天, 他一定会找到我, 一定会的!”

邓健沉默了,不禁跟着一声叹息。

……

极北之地。

这里的凛冽寒风,比北燕国最北端的辽西郡更加寒冷不知多少倍。

在这里,泼水可成冰,也在这里,无数的树木,一年四季,都被皑皑白雪所覆盖着。

这里的风,犹如群狼的呼号,似乎永不会停歇。

而也在这里。

此时,陈无极正被关在一个幽深地窖里,他的身上只穿着并不厚实的衣物,这使他忍不住蜷缩起来,他的眉眼也已凝结了冰霜,一开始,他还不断的哆嗦,可到了后来,似乎浑身已经僵硬,竟连哆嗦也开始无力了。

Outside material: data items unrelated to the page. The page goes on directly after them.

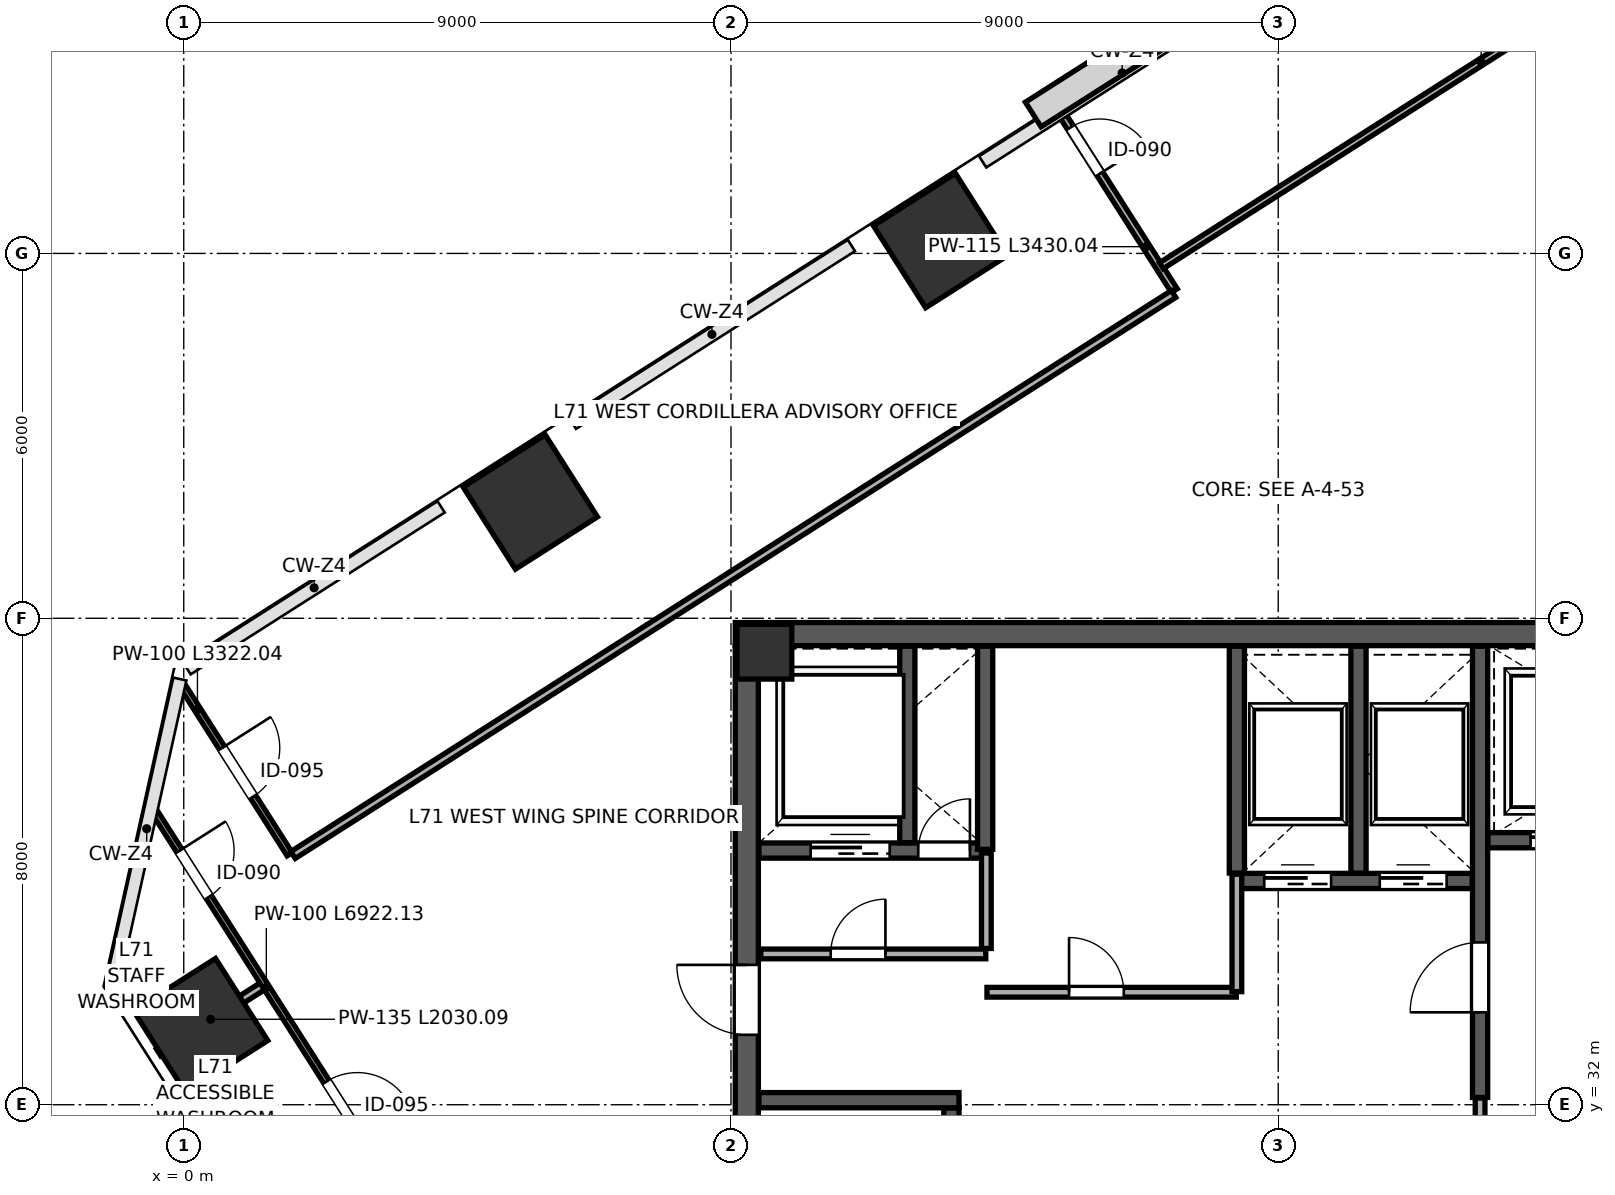
"""IFC4 building model, lengths in metres.
Left out: names, types, materials, properties, quantities, classifications, styles, units other than length and angle.
Written with IfcOpenShell. Run it as: python <this file> out.ifc"""

import sys

from ifc_helpers import new_model, si_unit, direction, frame, frame_2d, origin, origin_2d, place, context, subcontext, project, spatial, rectangle, extrude, source, transform, mapped, element, fill, save


model = new_model("IFC4")
c1 = context("Model", 3, precision=1e-05, world=origin(), true_north=direction((0.0, 1.0)))
c2 = subcontext(c1, "Body", "Model", "MODEL_VIEW")
j1 = project(units=[si_unit("LENGTHUNIT", "METRE"), si_unit("PLANEANGLEUNIT", "RADIAN")], contexts=[c1])
p1 = place(None, origin())
s1 = spatial("IfcSite", under=j1, at=p1, CompositionType="ELEMENT")
p2 = place(p1, origin())
s2 = spatial("IfcBuilding", under=s1, at=p2, CompositionType="ELEMENT")
p3 = place(p2, frame((0.0, 0.0, 315.6)))
s3 = spatial("IfcBuildingStorey", under=s2, at=p3, CompositionType="ELEMENT", Elevation=315.6)
m1 = source(origin(), c2, "Body", "SweptSolid", [
    extrude(rectangle(XDim=0.9, YDim=0.9, at=origin_2d()), origin(), (0.0, 0.0, 1.0), 4.198),
])
p4 = place(p3, frame((9.55, 39.45, 0.001), z_axis=(0.0, 0.0, 1.0), x_axis=(1.0, 0.0, 0.0)))
e1 = element("IfcColumn", 1, at=p4, inside=s3, PredefinedType="COLUMN", context=c2, shape_type="MappedRepresentation", body=[
    mapped(m1, transform((0.0, 0.0, 0.0), scale=1.0)),
])
m2 = source(origin(), c2, "Body", "SweptSolid", [
    extrude(rectangle(XDim=1.6, YDim=1.6, at=origin_2d()), origin(), (0.0, 0.0, 1.0), 4.198),
])
for number, where, z_axis, x_axis in (
    (2, (0.277, 33.301, 0.001), (0.0, 0.0, 1.0), (-0.537, 0.843, 0.0)),
    (3, (5.699, 41.913, 0.001), (0.0, 0.0, 1.0), (-0.537, 0.843, 0.0)),
    (4, (12.447, 46.211, 0.001), (0.0, 0.0, 1.0), (-0.537, 0.843, 0.0)),
):
    element("IfcColumn", number, at=place(p3, frame(where, z_axis=z_axis, x_axis=x_axis)), inside=s3, PredefinedType="COLUMN", context=c2, shape_type="MappedRepresentation", body=[
        mapped(m2, transform((0.0, 0.0, 0.0), scale=1.0)),
    ])
p5 = place(p3, frame((9.26, 24.45, 0.0), z_axis=(0.0, 0.0, 1.0), x_axis=(0.0, 1.0, 0.0)))
e5 = element("IfcWall", 5, at=p5, inside=s3, PredefinedType="SHEAR", context=c2, shape_type="SweptSolid", body=[
    extrude(rectangle(XDim=15.1, YDim=0.38, at=frame_2d((7.55, 0.0))), origin(), (0.0, 0.0, 1.0), 3.96),
])
p6 = place(p5, frame((8.7, 0.0, 0.0)))
e6 = element("IfcOpeningElement", 6, at=p6, cuts=e5, PredefinedType="OPENING", context=c2, shape_type="SweptSolid", body=[
    extrude(rectangle(XDim=1.15, YDim=2.2, at=frame_2d((0.575, 1.1))), frame((0.0, 0.2, 0.0), z_axis=(0.0, -1.0, 0.0), x_axis=(1.0, 0.0, 0.0)), (0.0, 0.0, 1.0), 0.4),
])
p7 = place(p3, frame((9.07, 39.74, 0.0), z_axis=(0.0, 0.0, 1.0), x_axis=(1.0, 0.0, 0.0)))
e7 = element("IfcWall", 7, at=p7, inside=s3, PredefinedType="SHEAR", context=c2, shape_type="SweptSolid", body=[
    extrude(rectangle(XDim=17.86, YDim=0.38, at=frame_2d((8.93, 0.0))), origin(), (0.0, 0.0, 1.0), 3.96),
])
p8 = place(p3, frame((12.625, 24.46, 0.0), z_axis=(0.0, 0.0, 1.0), x_axis=(0.0, 1.0, 0.0)))
e8 = element("IfcWall", 8, at=p8, inside=s3, PredefinedType="SHEAR", context=c2, shape_type="SweptSolid", body=[
    extrude(rectangle(XDim=7.49, YDim=0.25, at=frame_2d((3.745, 0.0))), origin(), (0.0, 0.0, 1.0), 3.96),
])
p9 = place(p8, frame((5.85, 0.0, 0.0)))
e9 = element("IfcOpeningElement", 9, at=p9, cuts=e8, PredefinedType="OPENING", context=c2, shape_type="SweptSolid", body=[
    extrude(rectangle(XDim=1.15, YDim=2.2, at=frame_2d((0.575, 1.1))), frame((0.0, 0.135, 0.0), z_axis=(0.0, -1.0, 0.0), x_axis=(1.0, 0.0, 0.0)), (0.0, 0.0, 1.0), 0.27),
])
p10 = place(p3, frame((9.46, 32.075, 0.0), z_axis=(0.0, 0.0, 1.0), x_axis=(1.0, 0.0, 0.0)))
e10 = element("IfcWall", 10, at=p10, inside=s3, PredefinedType="SHEAR", context=c2, shape_type="SweptSolid", body=[
    extrude(rectangle(XDim=3.29, YDim=0.25, at=frame_2d((1.645, 0.0))), origin(), (0.0, 0.0, 1.0), 3.96),
])
p11 = place(p3, frame((21.32, 32.12, 0.0), z_axis=(0.0, 0.0, 1.0), x_axis=(0.0, 1.0, 0.0)))
e11 = element("IfcWall", 11, at=p11, inside=s3, PredefinedType="SHEAR", context=c2, shape_type="SweptSolid", body=[
    extrude(rectangle(XDim=7.42, YDim=0.25, at=frame_2d((3.71, 0.0))), origin(), (0.0, 0.0, 1.0), 3.96),
])
p12 = place(p11, frame((1.4, 0.0, 0.0)))
e12 = element("IfcOpeningElement", 12, at=p12, cuts=e11, PredefinedType="OPENING", context=c2, shape_type="SweptSolid", body=[
    extrude(rectangle(XDim=1.15, YDim=2.2, at=frame_2d((0.575, 1.1))), frame((0.0, 0.135, 0.0), z_axis=(0.0, -1.0, 0.0), x_axis=(1.0, 0.0, 0.0)), (0.0, 0.0, 1.0), 0.27),
])
p13 = place(p3, frame((9.46, 36.18, 0.0), z_axis=(0.0, 0.0, 1.0), x_axis=(1.0, 0.0, 0.0)))
e13 = element("IfcWall", 13, at=p13, inside=s3, PredefinedType="SHEAR", context=c2, shape_type="SweptSolid", body=[
    extrude(rectangle(XDim=3.79, YDim=0.25, at=frame_2d((1.895, 0.0))), origin(), (0.0, 0.0, 1.0), 3.96),
])
p14 = place(p13, frame((2.62, 0.0, 0.0)))
e14 = element("IfcOpeningElement", 14, at=p14, cuts=e13, PredefinedType="OPENING", context=c2, shape_type="SweptSolid", body=[
    extrude(rectangle(XDim=0.85, YDim=2.1, at=frame_2d((0.425, 1.05))), frame((0.0, 0.135, 0.0), z_axis=(0.0, -1.0, 0.0), x_axis=(1.0, 0.0, 0.0)), (0.0, 0.0, 1.0), 0.27),
])
p15 = place(p13, frame((0.85, 0.0, 0.0)))
e15 = element("IfcOpeningElement", 15, at=p15, cuts=e13, PredefinedType="OPENING", context=c2, shape_type="SweptSolid", body=[
    extrude(rectangle(XDim=1.3, YDim=2.25, at=frame_2d((0.65, 1.125))), frame((0.0, 0.135, 0.0), z_axis=(0.0, -1.0, 0.0), x_axis=(1.0, 0.0, 0.0)), (0.0, 0.0, 1.0), 0.27),
])
p16 = place(p3, frame((11.9, 36.31, 0.0), z_axis=(0.0, 0.0, 1.0), x_axis=(0.0, 1.0, 0.0)))
e16 = element("IfcWall", 16, at=p16, inside=s3, PredefinedType="SHEAR", context=c2, shape_type="SweptSolid", body=[
    extrude(rectangle(XDim=3.23, YDim=0.25, at=frame_2d((1.615, 0.0))), origin(), (0.0, 0.0, 1.0), 3.96),
])
p17 = place(p3, frame((21.45, 36.35, 0.0), z_axis=(0.0, 0.0, 1.0), x_axis=(1.0, 0.0, 0.0)))
e17 = element("IfcWall", 17, at=p17, inside=s3, PredefinedType="SHEAR", context=c2, shape_type="SweptSolid", body=[
    extrude(rectangle(XDim=5.09, YDim=0.25, at=frame_2d((2.545, 0.0))), origin(), (0.0, 0.0, 1.0), 3.96),
])
p18 = place(p17, frame((0.7, 0.0, 0.0)))
e18 = element("IfcOpeningElement", 18, at=p18, cuts=e17, PredefinedType="OPENING", context=c2, shape_type="SweptSolid", body=[
    extrude(rectangle(XDim=1.2, YDim=2.2, at=frame_2d((0.6, 1.1))), frame((0.0, 0.135, 0.0), z_axis=(0.0, -1.0, 0.0), x_axis=(1.0, 0.0, 0.0)), (0.0, 0.0, 1.0), 0.27),
])
p19 = place(p17, frame((3.25, 0.0, 0.0)))
e19 = element("IfcOpeningElement", 19, at=p19, cuts=e17, PredefinedType="OPENING", context=c2, shape_type="SweptSolid", body=[
    extrude(rectangle(XDim=1.2, YDim=2.2, at=frame_2d((0.6, 1.1))), frame((0.0, 0.135, 0.0), z_axis=(0.0, -1.0, 0.0), x_axis=(1.0, 0.0, 0.0)), (0.0, 0.0, 1.0), 0.27),
])
p20 = place(p3, frame((13.18, 36.2, 0.0), z_axis=(0.0, 0.0, 1.0), x_axis=(0.0, 1.0, 0.0)))
e20 = element("IfcWall", 20, at=p20, inside=s3, PredefinedType="SHEAR", context=c2, shape_type="SweptSolid", body=[
    extrude(rectangle(XDim=3.34, YDim=0.25, at=frame_2d((1.67, 0.0))), origin(), (0.0, 0.0, 1.0), 3.96),
])
p21 = place(p3, frame((17.32, 35.68, 0.0), z_axis=(0.0, 0.0, 1.0), x_axis=(1.0, 0.0, 0.0)))
e21 = element("IfcWall", 21, at=p21, inside=s3, PredefinedType="SHEAR", context=c2, shape_type="SweptSolid", body=[
    extrude(rectangle(XDim=3.87, YDim=0.25, at=frame_2d((1.935, 0.0))), origin(), (0.0, 0.0, 1.0), 3.96),
])
p22 = place(p21, frame((0.45, 0.0, 0.0)))
e22 = element("IfcOpeningElement", 22, at=p22, cuts=e21, PredefinedType="OPENING", context=c2, shape_type="SweptSolid", body=[
    extrude(rectangle(XDim=1.1, YDim=2.2, at=frame_2d((0.55, 1.1))), frame((0.0, 0.135, 0.0), z_axis=(0.0, -1.0, 0.0), x_axis=(1.0, 0.0, 0.0)), (0.0, 0.0, 1.0), 0.27),
])
p23 = place(p21, frame((2.35, 0.0, 0.0)))
e23 = element("IfcOpeningElement", 23, at=p23, cuts=e21, PredefinedType="OPENING", context=c2, shape_type="SweptSolid", body=[
    extrude(rectangle(XDim=1.1, YDim=2.2, at=frame_2d((0.55, 1.1))), frame((0.0, 0.135, 0.0), z_axis=(0.0, -1.0, 0.0), x_axis=(1.0, 0.0, 0.0)), (0.0, 0.0, 1.0), 0.27),
])
for number, where, z_axis, x_axis in (
    (24, (17.32, 35.81, 0.0), (0.0, 0.0, 1.0), (0.0, 1.0, 0.0)),
    (25, (19.32, 35.81, 0.0), (0.0, 0.0, 1.0), (0.0, 1.0, 0.0)),
):
    element("IfcWall", number, at=place(p3, frame(where, z_axis=z_axis, x_axis=x_axis)), inside=s3, PredefinedType="SHEAR", context=c2, shape_type="SweptSolid", body=[
        extrude(rectangle(XDim=3.73, YDim=0.25, at=frame_2d((1.865, 0.0))), origin(), (0.0, 0.0, 1.0), 3.96),
    ])
p24 = place(p3, frame((9.49, 34.48, 0.0), z_axis=(0.0, 0.0, 1.0), x_axis=(1.0, 0.0, 0.0)))
e26 = element("IfcWall", 26, at=p24, inside=s3, PredefinedType="PARTITIONING", context=c2, shape_type="SweptSolid", body=[
    extrude(rectangle(XDim=3.7, YDim=0.16, at=frame_2d((1.85, 0.0))), origin(), (0.0, 0.0, 1.0), 3.96),
])
p25 = place(p24, frame((1.15, 0.0, 0.0)))
e27 = element("IfcOpeningElement", 27, at=p25, cuts=e26, PredefinedType="OPENING", context=c2, shape_type="SweptSolid", body=[
    extrude(rectangle(XDim=0.9, YDim=2.15, at=frame_2d((0.45, 1.075))), frame((0.0, 0.09, 0.0), z_axis=(0.0, -1.0, 0.0), x_axis=(1.0, 0.0, 0.0)), (0.0, 0.0, 1.0), 0.18),
])
p26 = place(p3, frame((13.2, 34.57, 0.0), z_axis=(0.0, 0.0, 1.0), x_axis=(0.0, 1.0, 0.0)))
e28 = element("IfcWall", 28, at=p26, inside=s3, PredefinedType="PARTITIONING", context=c2, shape_type="SweptSolid", body=[
    extrude(rectangle(XDim=1.57, YDim=0.16, at=frame_2d((0.785, 0.0))), origin(), (0.0, 0.0, 1.0), 3.96),
])
p27 = place(p3, frame((13.21, 33.85, 0.0), z_axis=(0.0, 0.0, 1.0), x_axis=(1.0, 0.0, 0.0)))
e29 = element("IfcWall", 29, at=p27, inside=s3, PredefinedType="PARTITIONING", context=c2, shape_type="SweptSolid", body=[
    extrude(rectangle(XDim=4.1, YDim=0.16, at=frame_2d((2.05, 0.0))), origin(), (0.0, 0.0, 1.0), 3.96),
])
p28 = place(p27, frame((1.35, 0.0, 0.0)))
e30 = element("IfcOpeningElement", 30, at=p28, cuts=e29, PredefinedType="OPENING", context=c2, shape_type="SweptSolid", body=[
    extrude(rectangle(XDim=0.9, YDim=2.15, at=frame_2d((0.45, 1.075))), frame((0.0, 0.09, 0.0), z_axis=(0.0, -1.0, 0.0), x_axis=(1.0, 0.0, 0.0)), (0.0, 0.0, 1.0), 0.18),
])
p29 = place(p3, frame((17.32, 33.86, 0.0), z_axis=(0.0, 0.0, 1.0), x_axis=(0.0, 1.0, 0.0)))
e31 = element("IfcWall", 31, at=p29, inside=s3, PredefinedType="PARTITIONING", context=c2, shape_type="SweptSolid", body=[
    extrude(rectangle(XDim=1.93, YDim=0.16, at=frame_2d((0.965, 0.0))), origin(), (0.0, 0.0, 1.0), 3.96),
])
p30 = place(p3, frame((21.32, 29.19, 0.0), z_axis=(0.0, 0.0, 1.0), x_axis=(0.0, 1.0, 0.0)))
e32 = element("IfcWall", 32, at=p30, inside=s3, PredefinedType="PARTITIONING", context=c2, shape_type="SweptSolid", body=[
    extrude(rectangle(XDim=2.92, YDim=0.16, at=frame_2d((1.46, 0.0))), origin(), (0.0, 0.0, 1.0), 3.96),
])
p31 = place(p3, frame((-0.414, 32.86, 0.0), z_axis=(0.0, 0.0, 1.0), x_axis=(0.843468317829, 0.5371789244, 0.0)))
e33 = element("IfcWall", 33, at=p31, inside=s3, PredefinedType="PARTITIONING", context=c2, shape_type="SweptSolid", body=[
    extrude(rectangle(XDim=2.03, YDim=0.135, at=frame_2d((1.015, 0.0))), origin(), (0.0, 0.0, 1.0), 3.295),
])
p32 = place(p3, frame((-0.502, 36.85, 0.0), z_axis=(0.0, 0.0, 1.0), x_axis=(0.537309039539, -0.843385437407, 0.0)))
e34 = element("IfcWall", 34, at=p32, inside=s3, PredefinedType="PARTITIONING", context=c2, shape_type="SweptSolid", body=[
    extrude(rectangle(XDim=6.922, YDim=0.1, at=frame_2d((3.461, 0.0))), origin(), (0.0, 0.0, 1.0), 3.96),
])
p33 = place(p32, frame((0.8, 0.0, 0.0)))
e35 = element("IfcOpeningElement", 35, at=p33, cuts=e34, PredefinedType="OPENING", context=c2, shape_type="SweptSolid", body=[
    extrude(rectangle(XDim=0.9, YDim=2.15, at=frame_2d((0.45, 1.075))), frame((0.0, 0.06, 0.0), z_axis=(0.0, -1.0, 0.0), x_axis=(1.0, 0.0, 0.0)), (0.0, 0.0, 1.0), 0.12),
])
p34 = place(p32, frame((5.3, 0.0, 0.0)))
e36 = element("IfcOpeningElement", 36, at=p34, cuts=e34, PredefinedType="OPENING", context=c2, shape_type="SweptSolid", body=[
    extrude(rectangle(XDim=0.95, YDim=2.15, at=frame_2d((0.475, 1.075))), frame((0.0, 0.06, 0.0), z_axis=(0.0, -1.0, 0.0), x_axis=(1.0, 0.0, 0.0)), (0.0, 0.0, 1.0), 0.12),
])
p35 = place(p3, frame((14.448, 48.281, 0.0), z_axis=(0.0, 0.0, 1.0), x_axis=(0.537285301829, -0.843400559899, 0.0)))
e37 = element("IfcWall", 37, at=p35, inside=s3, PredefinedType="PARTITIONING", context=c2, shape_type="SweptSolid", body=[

他只是埋头蜷缩着,面上还残留着鞭痕,在这样的天气里挨鞭子,痛苦不知会增加多少倍,可真正让他痛苦的,并非是这寒冷还有鞭挞所带来的疼痛。

他饿了。

已经两天滴米未尽,肚子仿佛是在烧。

他依靠在墙壁上,心知自己已经命不久矣,无神的眼睛,呆呆地看着这地窖中无尽的黑暗。

这时,突的一股风雪猛地灌了进来。

地窖的盖子开了。

陈无极并没有感觉到欣喜,反而是身子一颤,他知道,即将而来的酷刑,又要开始。

不过这一次,进来的却是一个女子,女子穿着捂得严严实实的皮裘,可即便如此,似乎还觉得寒冷。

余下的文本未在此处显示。